The effect of thermal exposure on the microstructure and mechanical properties of cast Al-Si alloy for the cylinder head

Cast Al-Si alloy is widely used in cylinder head structures and long-term service in 200–250 °C elevated temperature environments, which is easy to cause the deterioration of alloy properties. In this study, the thermal stability of the alloy during thermal exposure at 200 °C and 250 °C is investigated through the microstructure characterization and the mechanical properties test. The results show that the thermal exposure leads to the damage evolution of the precipitates in the microstructure. With the coarsening of the precipitates, the dislocation changes from cutting precipitates to bypassing precipitates, resulting in a weakening of the precipitation strengthening effect. The T6 alloy is in the insufficient peak aging state, and the alloy first reaches the peak aging state and then enters the over aging stage during the thermal exposure. Overall, with the increase in thermal exposure time and temperature, the Al matrix hardness, ultimate tensile strength (UTS), and yield strength (YS) decrease gradually and finally tend to be stable. As the thermal exposure progresses, the alloy fracture characteristic transitions from brittle fracture to ductile fracture, and the elongation of the alloy increases.
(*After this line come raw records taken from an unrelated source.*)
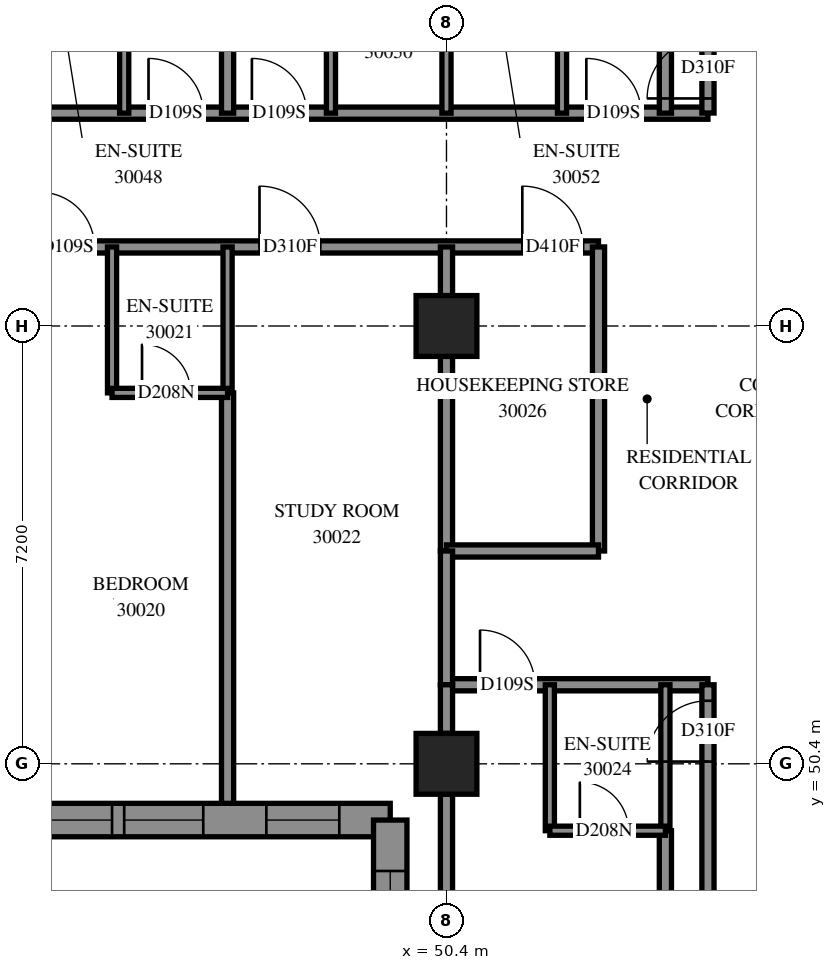
"""IFC4 building model, lengths in metres.
Left out: names, types, materials, properties, quantities, classifications, styles, units other than length and angle.
Written with IfcOpenShell. Run it as: python <this file> out.ifc"""

import sys

from ifc_helpers import new_model, si_unit, direction, frame, frame_2d, origin, origin_2d, place, context, subcontext, project, spatial, polyline, rectangle, outline, extrude, element, fill, save


model = new_model("IFC4")
c1 = context("Model", 3, precision=1e-05, world=origin(), true_north=direction((0.0, 1.0)))
c2 = subcontext(c1, "Body", "Model", "MODEL_VIEW")
j1 = project(units=[si_unit("LENGTHUNIT", "METRE"), si_unit("PLANEANGLEUNIT", "RADIAN")], contexts=[c1])
p1 = place(None, origin())
s1 = spatial("IfcSite", under=j1, at=p1, CompositionType="ELEMENT")
p2 = place(p1, origin())
s2 = spatial("IfcBuilding", under=s1, at=p2, CompositionType="ELEMENT")
p3 = place(p2, frame((0.0, 0.0, 111.8)))
s3 = spatial("IfcBuildingStorey", under=s2, at=p3, CompositionType="ELEMENT", Elevation=111.8)
for number, where, z_axis, x_axis in (
    (1, (50.4, 50.4, 0.0), (0.0, 0.0, 1.0), (1.0, 0.0, 0.0)),
    (2, (50.4, 57.6, 0.0), (0.0, 0.0, 1.0), (1.0, 0.0, 0.0)),
):
    element("IfcColumn", number, at=place(p3, frame(where, z_axis=z_axis, x_axis=x_axis)), inside=s3, PredefinedType="COLUMN", context=c2, shape_type="SweptSolid", body=[
        extrude(rectangle(XDim=1.0, YDim=1.0, at=origin_2d()), origin(), (0.0, 0.0, 1.0), 3.1),
    ])
p4 = place(p3, frame((42.275, 49.475, 0.0), z_axis=(0.0, 0.0, 1.0), x_axis=(1.0, 0.0, 0.0)))
e3 = element("IfcWall", 3, at=p4, inside=s3, PredefinedType="SOLIDWALL", context=c2, shape_type="SweptSolid", body=[
    extrude(outline(polyline([(-0.275, -0.275), (6.925, -0.275), (7.475, 0.275), (0.275, 0.275), (-0.275, -0.275)])), origin(), (0.0, 0.0, 1.0), 3.1),
])
p5 = place(p4, frame((1.325, 0.0, 0.5)))
e4 = element("IfcOpeningElement", 4, at=p5, cuts=e3, PredefinedType="OPENING", context=c2, shape_type="SweptSolid", body=[
    extrude(rectangle(XDim=1.3, YDim=2.45, at=frame_2d((0.65, 1.225))), frame((0.0, 0.285, 0.0), z_axis=(0.0, -1.0, 0.0), x_axis=(1.0, 0.0, 0.0)), (0.0, 0.0, 1.0), 0.57),
])
p6 = place(p4, frame((2.825, 0.0, 0.5)))
e5 = element("IfcOpeningElement", 5, at=p6, cuts=e3, PredefinedType="OPENING", context=c2, shape_type="SweptSolid", body=[
    extrude(rectangle(XDim=1.3, YDim=2.45, at=frame_2d((0.65, 1.225))), frame((0.0, 0.285, 0.0), z_axis=(0.0, -1.0, 0.0), x_axis=(1.0, 0.0, 0.0)), (0.0, 0.0, 1.0), 0.57),
])
p7 = place(p4, frame((5.162, 0.0, 0.5)))
e6 = element("IfcOpeningElement", 6, at=p7, cuts=e3, PredefinedType="OPENING", context=c2, shape_type="SweptSolid", body=[
    extrude(rectangle(XDim=1.2, YDim=2.45, at=frame_2d((0.6, 1.225))), frame((0.0, 0.285, 0.0), z_axis=(0.0, -1.0, 0.0), x_axis=(1.0, 0.0, 0.0)), (0.0, 0.0, 1.0), 0.57),
])
p8 = place(p3, frame((49.475, 49.475, 0.0), z_axis=(0.0, 0.0, 1.0), x_axis=(0.0, -1.0, 0.0)))
e7 = element("IfcWall", 7, at=p8, inside=s3, PredefinedType="SOLIDWALL", context=c2, shape_type="SweptSolid", body=[
    extrude(outline(polyline([(0.275, -0.275), (8.647, -0.275), (7.876, 0.275), (-0.275, 0.275), (0.275, -0.275)])), origin(), (0.0, 0.0, 1.0), 3.1),
])
p9 = place(p8, frame((3.325, 0.0, 0.5)))
e8 = element("IfcOpeningElement", 8, at=p9, cuts=e7, PredefinedType="OPENING", context=c2, shape_type="SweptSolid", body=[
    extrude(rectangle(XDim=1.3, YDim=2.45, at=frame_2d((0.65, 1.225))), frame((0.0, 0.285, 0.0), z_axis=(0.0, -1.0, 0.0), x_axis=(1.0, 0.0, 0.0)), (0.0, 0.0, 1.0), 0.57),
])
p10 = place(p8, frame((4.825, 0.0, 0.5)))
e9 = element("IfcOpeningElement", 9, at=p10, cuts=e7, PredefinedType="OPENING", context=c2, shape_type="SweptSolid", body=[
    extrude(rectangle(XDim=1.3, YDim=2.45, at=frame_2d((0.65, 1.225))), frame((0.0, 0.285, 0.0), z_axis=(0.0, -1.0, 0.0), x_axis=(1.0, 0.0, 0.0)), (0.0, 0.0, 1.0), 0.57),
])
p11 = place(p8, frame((0.838, 0.0, 0.5)))
e10 = element("IfcOpeningElement", 10, at=p11, cuts=e7, PredefinedType="OPENING", context=c2, shape_type="SweptSolid", body=[
    extrude(rectangle(XDim=1.2, YDim=2.45, at=frame_2d((0.6, 1.225))), frame((0.0, 0.285, 0.0), z_axis=(0.0, -1.0, 0.0), x_axis=(1.0, 0.0, 0.0)), (0.0, 0.0, 1.0), 0.57),
])
p12 = place(p8, frame((6.275, 0.0, 0.45)))
e11 = element("IfcOpeningElement", 11, at=p12, cuts=e7, PredefinedType="OPENING", context=c2, shape_type="SweptSolid", body=[
    extrude(rectangle(XDim=1.0, YDim=2.5, at=frame_2d((0.5, 1.25))), frame((0.0, 0.285, 0.0), z_axis=(0.0, -1.0, 0.0), x_axis=(1.0, 0.0, 0.0)), (0.0, 0.0, 1.0), 0.57),
])
p13 = place(p3, frame((28.802, 58.9, 0.0), z_axis=(0.0, 0.0, 1.0), x_axis=(1.0, 0.0, 0.0)))
e12 = element("IfcWall", 12, at=p13, inside=s3, PredefinedType="PARTITIONING", context=c2, shape_type="SweptSolid", body=[
    extrude(rectangle(XDim=24.098, YDim=0.2, at=frame_2d((12.049, 0.0))), origin(), (0.0, 0.0, 1.0), 3.1),
])
p14 = place(p13, frame((11.323, 0.0, 0.0)))
e13 = element("IfcOpeningElement", 13, at=p14, cuts=e12, PredefinedType="OPENING", context=c2, shape_type="SweptSolid", body=[
    extrude(rectangle(XDim=1.0, YDim=2.1, at=frame_2d((0.5, 1.05))), frame((0.0, 0.11, 0.0), z_axis=(0.0, -1.0, 0.0), x_axis=(1.0, 0.0, 0.0)), (0.0, 0.0, 1.0), 0.22),
])
p15 = place(p13, frame((14.908, 0.0, 0.0)))
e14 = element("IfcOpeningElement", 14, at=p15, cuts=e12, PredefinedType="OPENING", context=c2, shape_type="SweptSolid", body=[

In addition, the coarsening process of the thermal exposure alloy is described based on the Lifshitz-Slyozov-Wagner (LSW) theory, and the modified coarsening kinetic model can be divided into the rapid roughening stage and the stable roughening stage. Further, the damage parameter is defined as the relative change of precipitation strengthening to describe the deterioration degree of the mechanical properties for thermal exposure alloy.